Ararad
- Full name: Ararad Sports Association
- Founded: 1969; 56 years ago
- Website: http://www.araradsa.org/

= Ararad SA =

Lebanese football club

Ararad Sports Association (جمعية ارارات الرياضيه; Արարատ Մարզական Միութիւն; Արարատ Մարզական Միություն) is a Lebanese-Armenian sports and cultural organization. Established in 1969, the club is considered a continuation of the Lebanese-Armenian club Pagramian. Although the club has sympathizers from various circles, it is regarded as an association with left-wing leanings.

== History ==
After Pagramian had been closed by the Lebanese government in 1960 for its affiliation with the Lebanese Communist Party, Ararad Sports Association was set up to fill the void in 1969.

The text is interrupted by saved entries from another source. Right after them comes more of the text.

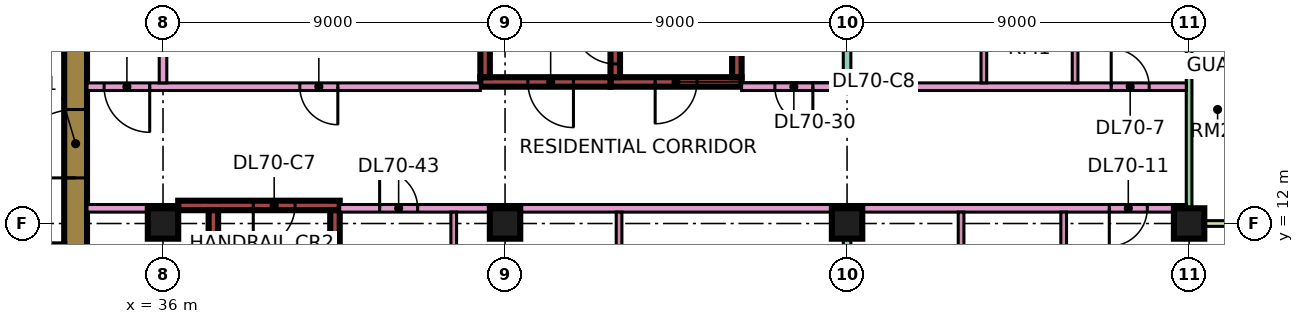
"""IFC4 building model, lengths in metres.
Left out: names, types, materials, properties, quantities, classifications, styles, units other than length and angle.
Written with IfcOpenShell. Run it as: python <this file> out.ifc"""

import sys

from ifc_helpers import new_model, si_unit, direction, frame, frame_2d, origin, origin_2d, place, context, subcontext, project, spatial, rectangle, extrude, element, fill, save


model = new_model("IFC4")
c1 = context("Model", 3, precision=1e-05, world=origin(), true_north=direction((0.0, 1.0)))
c2 = subcontext(c1, "Body", "Model", "MODEL_VIEW")
j1 = project(units=[si_unit("LENGTHUNIT", "METRE"), si_unit("PLANEANGLEUNIT", "RADIAN")], contexts=[c1])
p1 = place(None, origin())
s1 = spatial("IfcSite", under=j1, at=p1, CompositionType="ELEMENT")
p2 = place(p1, origin())
s2 = spatial("IfcBuilding", under=s1, at=p2, CompositionType="ELEMENT")
p3 = place(p2, frame((0.0, 0.0, 299.65)))
s3 = spatial("IfcBuildingStorey", under=s2, at=p3, CompositionType="ELEMENT", Elevation=299.65)
for number, where, z_axis, x_axis in (
    (1, (36.0, 12.0, 0.0), (0.0, 0.0, 1.0), (1.0, 0.0, 0.0)),
    (2, (45.0, 12.0, 0.0), (0.0, 0.0, 1.0), (1.0, 0.0, 0.0)),
    (3, (54.0, 12.0, 0.0), (0.0, 0.0, 1.0), (1.0, 0.0, 0.0)),
    (4, (63.0, 12.0, 0.0), (0.0, 0.0, 1.0), (1.0, 0.0, 0.0)),
):
    element("IfcColumn", number, at=place(p3, frame(where, z_axis=z_axis, x_axis=x_axis)), inside=s3, PredefinedType="COLUMN", context=c2, shape_type="SweptSolid", body=[
        extrude(rectangle(XDim=0.8, YDim=0.8, at=origin_2d()), origin(), (0.0, 0.0, 1.0), 3.75),
    ])
p4 = place(p3, frame((33.7, 7.6, 0.0), z_axis=(0.0, 0.0, 1.0), x_axis=(0.0, 1.0, 0.0)))
e5 = element("IfcWall", 5, at=p4, inside=s3, PredefinedType="SHEAR", context=c2, shape_type="SweptSolid", body=[
    extrude(rectangle(XDim=11.8, YDim=0.6, at=frame_2d((5.9, 0.0))), origin(), (0.0, 0.0, 1.0), 3.75),
])
p5 = place(p4, frame((5.6, 0.0, 0.0)))
e6 = element("IfcOpeningElement", 6, at=p5, cuts=e5, PredefinedType="OPENING", context=c2, shape_type="SweptSolid", body=[
    extrude(rectangle(XDim=1.8, YDim=2.4, at=frame_2d((0.9, 1.2))), frame((0.0, 0.31, 0.0), z_axis=(0.0, -1.0, 0.0), x_axis=(1.0, 0.0, 0.0)), (0.0, 0.0, 1.0), 0.62),
])
p6 = place(p3, frame((36.4, 12.475, 0.0), z_axis=(0.0, 0.0, 1.0), x_axis=(1.0, 0.0, 0.0)))
e7 = element("IfcWall", 7, at=p6, inside=s3, PredefinedType="SHEAR", context=c2, shape_type="SweptSolid", body=[
    extrude(rectangle(XDim=4.25, YDim=0.25, at=frame_2d((2.125, 0.0))), origin(), (0.0, 0.0, 1.0), 3.75),
])
p7 = place(p6, frame((1.975, 0.0, 0.0)))
e8 = element("IfcOpeningElement", 8, at=p7, cuts=e7, PredefinedType="OPENING", context=c2, shape_type="SweptSolid", body=[
    extrude(rectangle(XDim=1.1, YDim=2.2, at=frame_2d((0.55, 1.1))), frame((0.0, 0.135, 0.0), z_axis=(0.0, -1.0, 0.0), x_axis=(1.0, 0.0, 0.0)), (0.0, 0.0, 1.0), 0.27),
])
for number, where, z_axis, x_axis in (
    (9, (37.325, 5.85, 0.0), (0.0, 0.0, 1.0), (0.0, 1.0, 0.0)),
    (10, (40.525, 5.85, 0.0), (0.0, 0.0, 1.0), (0.0, 1.0, 0.0)),
):
    element("IfcWall", number, at=place(p3, frame(where, z_axis=z_axis, x_axis=x_axis)), inside=s3, PredefinedType="SHEAR", context=c2, shape_type="SweptSolid", body=[
        extrude(rectangle(XDim=6.5, YDim=0.25, at=frame_2d((3.25, 0.0))), origin(), (0.0, 0.0, 1.0), 3.75),
    ])
p8 = place(p3, frame((47.775, 15.725, 0.0), z_axis=(0.0, 0.0, 1.0), x_axis=(1.0, 0.0, 0.0)))
e11 = element("IfcWall", 11, at=p8, inside=s3, PredefinedType="SHEAR", context=c2, shape_type="SweptSolid", body=[
    extrude(rectangle(XDim=3.45, YDim=0.25, at=frame_2d((1.725, 0.0))), origin(), (0.0, 0.0, 1.0), 3.75),
])
p9 = place(p8, frame((1.175, 0.0, 0.0)))
e12 = element("IfcOpeningElement", 12, at=p9, cuts=e11, PredefinedType="OPENING", context=c2, shape_type="SweptSolid", body=[
    extrude(rectangle(XDim=1.1, YDim=2.2, at=frame_2d((0.55, 1.1))), frame((0.0, 0.135, 0.0), z_axis=(0.0, -1.0, 0.0), x_axis=(1.0, 0.0, 0.0)), (0.0, 0.0, 1.0), 0.27),
])
p10 = place(p3, frame((47.9, 15.85, 0.0), z_axis=(0.0, 0.0, 1.0), x_axis=(0.0, 1.0, 0.0)))
e13 = element("IfcWall", 13, at=p10, inside=s3, PredefinedType="SHEAR", context=c2, shape_type="SweptSolid", body=[
    extrude(rectangle(XDim=6.5, YDim=0.25, at=frame_2d((3.25, 0.0))), origin(), (0.0, 0.0, 1.0), 3.75),
])
p11 = place(p10, frame((0.35, 0.0, 0.0)))
e14 = element("IfcOpeningElement", 14, at=p11, cuts=e13, PredefinedType="OPENING", context=c2, shape_type="SweptSolid", body=[
    extrude(rectangle(XDim=1.1, YDim=2.2, at=frame_2d((0.55, 1.1))), frame((0.0, 0.135, 0.0), z_axis=(0.0, -1.0, 0.0), x_axis=(1.0, 0.0, 0.0)), (0.0, 0.0, 1.0), 0.27),
])
p12 = place(p3, frame((51.1, 15.85, 0.0), z_axis=(0.0, 0.0, 1.0), x_axis=(0.0, 1.0, 0.0)))
e15 = element("IfcWall", 15, at=p12, inside=s3, PredefinedType="SHEAR", context=c2, shape_type="SweptSolid", body=[
    extrude(rectangle(XDim=6.5, YDim=0.25, at=frame_2d((3.25, 0.0))), origin(), (0.0, 0.0, 1.0), 3.75),
])
p13 = place(p3, frame((44.35, 15.725, 0.0), z_axis=(0.0, 0.0, 1.0), x_axis=(1.0, 0.0, 0.0)))
e16 = element("IfcWall", 16, at=p13, inside=s3, PredefinedType="SHEAR", context=c2, shape_type="SweptSolid", body=[
    extrude(rectangle(XDim=3.425, YDim=0.25, at=frame_2d((1.712, 0.0))), origin(), (0.0, 0.0, 1.0), 3.75),
])
p14 = place(p13, frame((1.25, 0.0, 0.0)))
e17 = element("IfcOpeningElement", 17, at=p14, cuts=e16, PredefinedType="OPENING", context=c2, shape_type="SweptSolid", body=[
    extrude(rectangle(XDim=1.2, YDim=2.2, at=frame_2d((0.6, 1.1))), frame((0.0, 0.135, 0.0), z_axis=(0.0, -1.0, 0.0), x_axis=(1.0, 0.0, 0.0)), (0.0, 0.0, 1.0), 0.27),
])
p15 = place(p3, frame((44.475, 15.85, 0.0), z_axis=(0.0, 0.0, 1.0), x_axis=(0.0, 1.0, 0.0)))
e18 = element("IfcWall", 18, at=p15, inside=s3, PredefinedType="SHEAR", context=c2, shape_type="SweptSolid", body=[
    extrude(rectangle(XDim=6.5, YDim=0.25, at=frame_2d((3.25, 0.0))), origin(), (0.0, 0.0, 1.0), 3.75),
])
p16 = place(p15, frame((1.75, 0.0, 0.0)))
e19 = element("IfcOpeningElement", 19, at=p16, cuts=e18, PredefinedType="OPENING", context=c2, shape_type="SweptSolid", body=[
    extrude(rectangle(XDim=1.1, YDim=2.2, at=frame_2d((0.55, 1.1))), frame((0.0, 0.135, 0.0), z_axis=(0.0, -1.0, 0.0), x_axis=(1.0, 0.0, 0.0)), (0.0, 0.0, 1.0), 0.27),
])
p17 = place(p15, frame((4.3, 0.0, 0.0)))
e20 = element("IfcOpeningElement", 20, at=p17, cuts=e18, PredefinedType="OPENING", context=c2, shape_type="SweptSolid", body=[
    extrude(rectangle(XDim=1.1, YDim=2.2, at=frame_2d((0.55, 1.1))), frame((0.0, 0.135, 0.0), z_axis=(0.0, -1.0, 0.0), x_axis=(1.0, 0.0, 0.0)), (0.0, 0.0, 1.0), 0.27),
])
p18 = place(p3, frame((63.0, 12.075, 0.0), z_axis=(0.0, 0.0, 1.0), x_axis=(0.0, 1.0, 0.0)))
e21 = element("IfcWall", 21, at=p18, inside=s3, PredefinedType="SOLIDWALL", context=c2, shape_type="SweptSolid", body=[
    extrude(rectangle(XDim=10.35, YDim=0.15, at=frame_2d((5.175, 0.0))), origin(), (0.0, 0.0, 1.0), 3.35),
])
p19 = place(p18, frame((6.038, 0.0, 0.0)))
e22 = element("IfcOpeningElement", 22, at=p19, cuts=e21, PredefinedType="OPENING", context=c2, shape_type="SweptSolid", body=[
    extrude(rectangle(XDim=1.8, YDim=2.4, at=frame_2d((0.9, 1.2))), frame((0.0, 0.085, 0.0), z_axis=(0.0, -1.0, 0.0), x_axis=(1.0, 0.0, 0.0)), (0.0, 0.0, 1.0), 0.17),
])
p20 = place(p3, frame((64.5, 12.0, 0.0), z_axis=(0.0, 0.0, 1.0), x_axis=(-1.0, 0.0, 0.0)))
e23 = element("IfcWall", 23, at=p20, inside=s3, PredefinedType="SOLIDWALL", context=c2, shape_type="SweptSolid", body=[
    extrude(rectangle(XDim=1.5, YDim=0.15, at=frame_2d((0.75, 0.0))), origin(), (0.0, 0.0, 1.0), 3.35),
])
p21 = place(p3, frame((34.0, 12.4, 0.0), z_axis=(0.0, 0.0, 1.0), x_axis=(1.0, 0.0, 0.0)))
e24 = element("IfcWall", 24, at=p21, inside=s3, PredefinedType="PARTITIONING", context=c2, shape_type="SweptSolid", body=[
    extrude(rectangle(XDim=2.401, YDim=0.2, at=frame_2d((1.2, 0.0))), origin(), (0.0, 0.0, 1.0), 3.35),
])
p22 = place(p3, frame((34.0, 15.6, 0.0), z_axis=(0.0, 0.0, 1.0), x_axis=(1.0, 0.0, 0.0)))
e25 = element("IfcWall", 25, at=p22, inside=s3, PredefinedType="PARTITIONING", context=c2, shape_type="SweptSolid", body=[
    extrude(rectangle(XDim=10.35, YDim=0.2, at=frame_2d((5.175, 0.0))), origin(), (0.0, 0.0, 1.0), 3.35),
])
p23 = place(p22, frame((5.6, 0.0, 0.0)))
e26 = element("IfcOpeningElement", 26, at=p23, cuts=e25, PredefinedType="OPENING", context=c2, shape_type="SweptSolid", body=[
    extrude(rectangle(XDim=1.0, YDim=2.1, at=frame_2d((0.5, 1.05))), frame((0.0, 0.11, 0.0), z_axis=(0.0, -1.0, 0.0), x_axis=(1.0, 0.0, 0.0)), (0.0, 0.0, 1.0), 0.22),
])
p24 = place(p22, frame((0.45, 0.0, 0.0)))
e27 = element("IfcOpeningElement", 27, at=p24, cuts=e25, PredefinedType="OPENING", context=c2, shape_type="SweptSolid", body=[
    extrude(rectangle(XDim=1.2, YDim=2.1, at=frame_2d((0.6, 1.05))), frame((0.0, 0.11, 0.0), z_axis=(0.0, -1.0, 0.0), x_axis=(1.0, 0.0, 0.0)), (0.0, 0.0, 1.0), 0.22),
])
p25 = place(p3, frame((36.0, 15.7, 0.0), z_axis=(0.0, 0.0, 1.0), x_axis=(0.0, 1.0, 0.0)))
e28 = element("IfcWall", 28, at=p25, inside=s3, PredefinedType="PARTITIONING", context=c2, shape_type="SweptSolid", body=[
    extrude(rectangle(XDim=8.3, YDim=0.2, at=frame_2d((4.15, 0.0))), origin(), (0.0, 0.0, 1.0), 3.35),
])
p26 = place(p3, frame((40.65, 12.4, 0.0), z_axis=(0.0, 0.0, 1.0), x_axis=(1.0, 0.0, 0.0)))
e29 = element("IfcWall", 29, at=p26, inside=s3, PredefinedType="PARTITIONING", context=c2, shape_type="SweptSolid", body=[
    extrude(rectangle(XDim=22.276, YDim=0.2, at=frame_2d((11.138, 0.0))), origin(), (0.0, 0.0, 1.0), 3.35),
])
p27 = place(p26, frame((20.25, 0.0, 0.0)))
e30 = element("IfcOpeningElement", 30, at=p27, cuts=e29, PredefinedType="OPENING", context=c2, shape_type="SweptSolid", body=[
    extrude(rectangle(XDim=1.0, YDim=2.1, at=frame_2d((0.5, 1.05))), frame((0.0, 0.11, 0.0), z_axis=(0.0, -1.0, 0.0), x_axis=(1.0, 0.0, 0.0)), (0.0, 0.0, 1.0), 0.22),
])
p28 = place(p26, frame((1.05, 0.0, 0.0)))
e31 = element("IfcOpeningElement", 31, at=p28, cuts=e29, PredefinedType="OPENING", context=c2, shape_type="SweptSolid", body=[
    extrude(rectangle(XDim=1.0, YDim=2.1, at=frame_2d((0.5, 1.05))), frame((0.0, 0.11, 0.0), z_axis=(0.0, -1.0, 0.0), x_axis=(1.0, 0.0, 0.0)), (0.0, 0.0, 1.0), 0.22),
])
p29 = place(p3, frame((43.65, 5.975, 0.0), z_axis=(0.0, 0.0, 1.0), x_axis=(0.0, 1.0, 0.0)))
e32 = element("IfcWall", 32, at=p29, inside=s3, PredefinedType="PARTITIONING", context=c2, shape_type="SweptSolid", body=[
    extrude(rectangle(XDim=6.325, YDim=0.15, at=frame_2d((3.163, 0.0))), origin(), (0.0, 0.0, 1.0), 3.35),
])
p30 = place(p29, frame((4.275, 0.0, 0.0)))
e33 = element("IfcOpeningElement", 33, at=p30, cuts=e32, PredefinedType="OPENING", context=c2, shape_type="SweptSolid", body=[
    extrude(rectangle(XDim=0.9, YDim=2.1, at=frame_2d((0.45, 1.05))), frame((0.0, 0.085, 0.0), z_axis=(0.0, -1.0, 0.0), x_axis=(1.0, 0.0, 0.0)), (0.0, 0.0, 1.0), 0.17),
])
p31 = place(p3, frame((48.0, 5.975, 0.0), z_axis=(0.0, 0.0, 1.0), x_axis=(0.0, 1.0, 0.0)))
e34 = element("IfcWall", 34, at=p31, inside=s3, PredefinedType="PARTITIONING", context=c2, shape_type="SweptSolid", body=[
    extrude(rectangle(XDim=6.325, YDim=0.15, at=frame_2d((3.163, 0.0))), origin(), (0.0, 0.0, 1.0), 3.35),
])
p32 = place(p3, frame((51.225, 15.6, 0.0), z_axis=(0.0, 0.0, 1.0), x_axis=(1.0, 0.0, 0.0)))
e35 = element("IfcWall", 35, at=p32, inside=s3, PredefinedType="PARTITIONING", context=c2, shape_type="SweptSolid", body=[
    extrude(rectangle(XDim=11.701, YDim=0.2, at=frame_2d((5.851, 0.0))), origin(), (0.0, 0.0, 1.0), 3.35),
])
p33 = place(p32, frame((9.725, 0.0, 0.0)))
e36 = element("IfcOpeningElement", 36, at=p33, cuts=e35, PredefinedType="OPENING", context=c2, shape_type="SweptSolid", body=[
    extrude(rectangle(XDim=1.0, YDim=2.1, at=frame_2d((0.5, 1.05))), frame((0.0, 0.11, 0.0), z_axis=(0.0, -1.0, 0.0), x_axis=(1.0, 0.0, 0.0)), (0.0, 0.0, 1.0), 0.22),
])
p34 = place(p32, frame((0.875, 0.0, 0.0)))
e37 = element("IfcOpeningElement", 37, at=p34, cuts=e35, PredefinedType="OPENING", context=c2, shape_type="SweptSolid", body=[
    extrude(rectangle(XDim=1.0, YDim=2.1, at=frame_2d((0.5, 1.05))), frame((0.0, 0.11, 0.0), z_axis=(0.0, -1.0, 0.0), x_axis=(1.0, 0.0, 0.0)), (0.0, 0.0, 1.0), 0.22),
])
p35 = place(p3, frame((54.0, 5.825, 0.0), z_axis=(0.0, 0.0, 1.0), x_axis=(0.0, 1.0, 0.0)))
e38 = element("IfcWall", 38, at=p35, inside=s3, PredefinedType="PARTITIONING", context=c2, shape_type="SweptSolid", body=[
    extrude(rectangle(XDim=6.475, YDim=0.2, at=frame_2d((3.238, 0.0))), origin(), (0.0, 0.0, 1.0), 3.35),
])
p36 = place(p3, frame((54.0, 15.7, 0.0), z_axis=(0.0, 0.0, 1.0), x_axis=(0.0, 1.0, 0.0)))
e39 = element("IfcWall", 39, at=p36, inside=s3, PredefinedType="PARTITIONING", context=c2, shape_type="SweptSolid", body=[
    extrude(rectangle(XDim=8.3, YDim=0.2, at=frame_2d((4.15, 0.0))), origin(), (0.0, 0.0, 1.0), 3.35),
])
p37 = place(p3, frame((57.0, 7.075, 0.0), z_axis=(0.0, 0.0, 1.0), x_axis=(0.0, 1.0, 0.0)))
e40 = element("IfcWall", 40, at=p37, inside=s3, PredefinedType="PARTITIONING", context=c2, shape_type="SweptSolid", body=[
    extrude(rectangle(XDim=5.225, YDim=0.15, at=frame_2d((2.613, 0.0))), origin(), (0.0, 0.0, 1.0), 3.35),
])
p38 = place(p3, frame((57.6, 15.7, 0.0), z_axis=(0.0, 0.0, 1.0), x_axis=(0.0, 1.0, 0.0)))
e41 = element("IfcWall", 41, at=p38, inside=s3, PredefinedType="PARTITIONING", context=c2, shape_type="SweptSolid", body=[
    extrude(rectangle(XDim=2.825, YDim=0.15, at=frame_2d((1.413, 0.0))), origin(), (0.0, 0.0, 1.0), 3.35),
])
p39 = place(p3, frame((59.7, 7.075, 0.0), z_axis=(0.0, 0.0, 1.0), x_axis=(0.0, 1.0, 0.0)))
e42 = element("IfcWall", 42, at=p39, inside=s3, PredefinedType="PARTITIONING", context=c2, shape_type="SweptSolid", body=[
    extrude(rectangle(XDim=5.225, YDim=0.15, at=frame_2d((2.613, 0.0))), origin(), (0.0, 0.0, 1.0), 3.35),
])
p40 = place(p39, frame((2.275, 0.0, 0.0)))
e43 = element("IfcOpeningElement", 43, at=p40, cuts=e42, PredefinedType="OPENING", context=c2, shape_type="SweptSolid", body=[
    extrude(rectangle(XDim=0.8, YDim=2.1, at=frame_2d((0.4, 1.05))), frame((0.0, 0.085, 0.0), z_axis=(0.0, -1.0, 0.0), x_axis=(1.0, 0.0, 0.0)), (0.0, 0.0, 1.0), 0.17),
])
p41 = place(p3, frame((60.0, 15.7, 0.0), z_axis=(0.0, 0.0, 1.0), x_axis=(0.0, 1.0, 0.0)))
e44 = element("IfcWall", 44, at=p41, inside=s3, PredefinedType="PARTITIONING", context=c2, shape_type="SweptSolid", body=[
    extrude(rectangle(XDim=2.825, YDim=0.15, at=frame_2d((1.413, 0.0))), origin(), (0.0, 0.0, 1.0), 3.35),
])
p42 = place(p5, origin())
e45 = element("IfcDoor", 45, at=p42, inside=s3, OperationType="DOUBLE_DOOR_SINGLE_SWING", PredefinedType="DOOR", context=c2, shape_type="SweptSolid", body=[
    extrude(rectangle(XDim=1.8, YDim=2.4, at=frame_2d((0.9, 1.2))), frame((0.0, 0.025, 0.0), z_axis=(0.0, -1.0, 0.0), x_axis=(1.0, 0.0, 0.0)), (0.0, 0.0, 1.0), 0.05),
])
fill(e6, e45)
p43 = place(p7, frame((1.1, 0.0, 0.0), z_axis=(0.0, 0.0, 1.0), x_axis=(-1.0, 0.0, 0.0)))
e46 = element("IfcDoor", 46, at=p43, inside=s3, OperationType="SINGLE_SWING_LEFT", PredefinedType="DOOR", context=c2, shape_type="SweptSolid", body=[
    extrude(rectangle(XDim=1.1, YDim=2.2, at=frame_2d((0.55, 1.1))), frame((0.0, 0.025, 0.0), z_axis=(0.0, -1.0, 0.0), x_axis=(1.0, 0.0, 0.0)), (0.0, 0.0, 1.0), 0.05),
])
fill(e8, e46)
p44 = place(p9, frame((1.1, 0.0, 0.0), z_axis=(0.0, 0.0, 1.0), x_axis=(-1.0, 0.0, 0.0)))
e47 = element("IfcDoor", 47, at=p44, inside=s3, OperationType="SINGLE_SWING_LEFT", PredefinedType="DOOR", context=c2, shape_type="SweptSolid", body=[
    extrude(rectangle(XDim=1.1, YDim=2.2, at=frame_2d((0.55, 1.1))), frame((0.0, 0.025, 0.0), z_axis=(0.0, -1.0, 0.0), x_axis=(1.0, 0.0, 0.0)), (0.0, 0.0, 1.0), 0.05),
])
fill(e12, e47)
p45 = place(p14, origin())
e48 = element("IfcDoor", 48, at=p45, inside=s3, OperationType="SINGLE_SWING_RIGHT", PredefinedType="DOOR", context=c2, shape_type="SweptSolid", body=[
    extrude(rectangle(XDim=1.2, YDim=2.2, at=frame_2d((0.6, 1.1))), frame((0.0, 0.025, 0.0), z_axis=(0.0, -1.0, 0.0), x_axis=(1.0, 0.0, 0.0)), (0.0, 0.0, 1.0), 0.05),
])
fill(e17, e48)
p46 = place(p11, frame((1.1, 0.0, 0.0), z_axis=(0.0, 0.0, 1.0), x_axis=(-1.0, 0.0, 0.0)))
e49 = element("IfcDoor", 49, at=p46, inside=s3, OperationType="SINGLE_SWING_RIGHT", PredefinedType="DOOR", context=c2, shape_type="SweptSolid", body=[
    extrude(rectangle(XDim=1.1, YDim=2.2, at=frame_2d((0.55, 1.1))), frame((0.0, 0.025, 0.0), z_axis=(0.0, -1.0, 0.0), x_axis=(1.0, 0.0, 0.0)), (0.0, 0.0, 1.0), 0.05),
])
fill(e14, e49)
p47 = place(p23, origin())
e50 = element("IfcDoor", 50, at=p47, inside=s3, OperationType="SINGLE_SWING_RIGHT", PredefinedType="DOOR", context=c2, shape_type="SweptSolid", body=[
    extrude(rectangle(XDim=1.0, YDim=2.1, at=frame_2d((0.5, 1.05))), frame((0.0, 0.025, 0.0), z_axis=(0.0, -1.0, 0.0), x_axis=(1.0, 0.0, 0.0)), (0.0, 0.0, 1.0), 0.05),
])
fill(e26, e50)
p48 = place(p33, origin())
e51 = element("IfcDoor", 51, at=p48, inside=s3, OperationType="SINGLE_SWING_LEFT", PredefinedType="DOOR", context=c2, shape_type="SweptSolid", body=[
    extrude(rectangle(XDim=1.0, YDim=2.1, at=frame_2d((0.5, 1.05))), frame((0.0, 0.025, 0.0), z_axis=(0.0, -1.0, 0.0), x_axis=(1.0, 0.0, 0.0)), (0.0, 0.0, 1.0), 0.05),
])
fill(e36, e51)
p49 = place(p27, frame((1.0, 0.0, 0.0), z_axis=(0.0, 0.0, 1.0), x_axis=(-1.0, 0.0, 0.0)))
e52 = element("IfcDoor", 52, at=p49, inside=s3, OperationType="SINGLE_SWING_LEFT", PredefinedType="DOOR", context=c2, shape_type="SweptSolid", body=[
    extrude(rectangle(XDim=1.0, YDim=2.1, at=frame_2d((0.5, 1.05))), frame((0.0, 0.025, 0.0), z_axis=(0.0, -1.0, 0.0), x_axis=(1.0, 0.0, 0.0)), (0.0, 0.0, 1.0), 0.05),
])
fill(e30, e52)
p50 = place(p24, origin())
e53 = element("IfcDoor", 53, at=p50, inside=s3, OperationType="SINGLE_SWING_RIGHT", PredefinedType="DOOR", context=c2, shape_type="SweptSolid", body=[
    extrude(rectangle(XDim=1.2, YDim=2.1, at=frame_2d((0.6, 1.05))), frame((0.0, 0.025, 0.0), z_axis=(0.0, -1.0, 0.0), x_axis=(1.0, 0.0, 0.0)), (0.0, 0.0, 1.0), 0.05),
])
fill(e27, e53)
p51 = place(p34, origin())
e54 = element("IfcDoor", 54, at=p51, inside=s3, OperationType="SINGLE_SWING_RIGHT", PredefinedType="DOOR", context=c2, shape_type="SweptSolid", body=[
    extrude(rectangle(XDim=1.0, YDim=2.1, at=frame_2d((0.5, 1.05))), frame((0.0, 0.025, 0.0), z_axis=(0.0, -1.0, 0.0), x_axis=(1.0, 0.0, 0.0)), (0.0, 0.0, 1.0), 0.05),
])
fill(e37, e54)
p52 = place(p28, origin())
e55 = element("IfcDoor", 55, at=p52, inside=s3, OperationType="SINGLE_SWING_LEFT", PredefinedType="DOOR", context=c2, shape_type="SweptSolid", body=[
    extrude(rectangle(XDim=1.0, YDim=2.1, at=frame_2d((0.5, 1.05))), frame((0.0, 0.025, 0.0), z_axis=(0.0, -1.0, 0.0), x_axis=(1.0, 0.0, 0.0)), (0.0, 0.0, 1.0), 0.05),
])
fill(e31, e55)
save(model, sys.argv[1])

In 1976, at the height of the Lebanese Civil War, the extreme right-wing Phalangist Party (Kataeb) militia confiscated the locale of the association for its political leanings; this put a halt to the club's activities. The president of the association, Simon Kazandjian, was killed along with a relative, Kevork Kazandjian.

With the establishment of more peaceful conditions in Lebanon, Ararad Sports Association regrouped in 1988 forming a new administrative committee. The club also launched their football team that played in Lebanese Third Division.

In 1996, the club restored its right to repossess its confiscated locale after negotiations with the Phalangist party leaders. The club also found support from Lebanese Prime Minister Rafic Hariri, who also contributed funds allowing the club to purchase the locale. The opening ceremony event of the revamped club was also sponsored by Hariri himself.

On 4 June 2009, Ararad formed their chess division. On 21 June 2012, they disbanded their football team.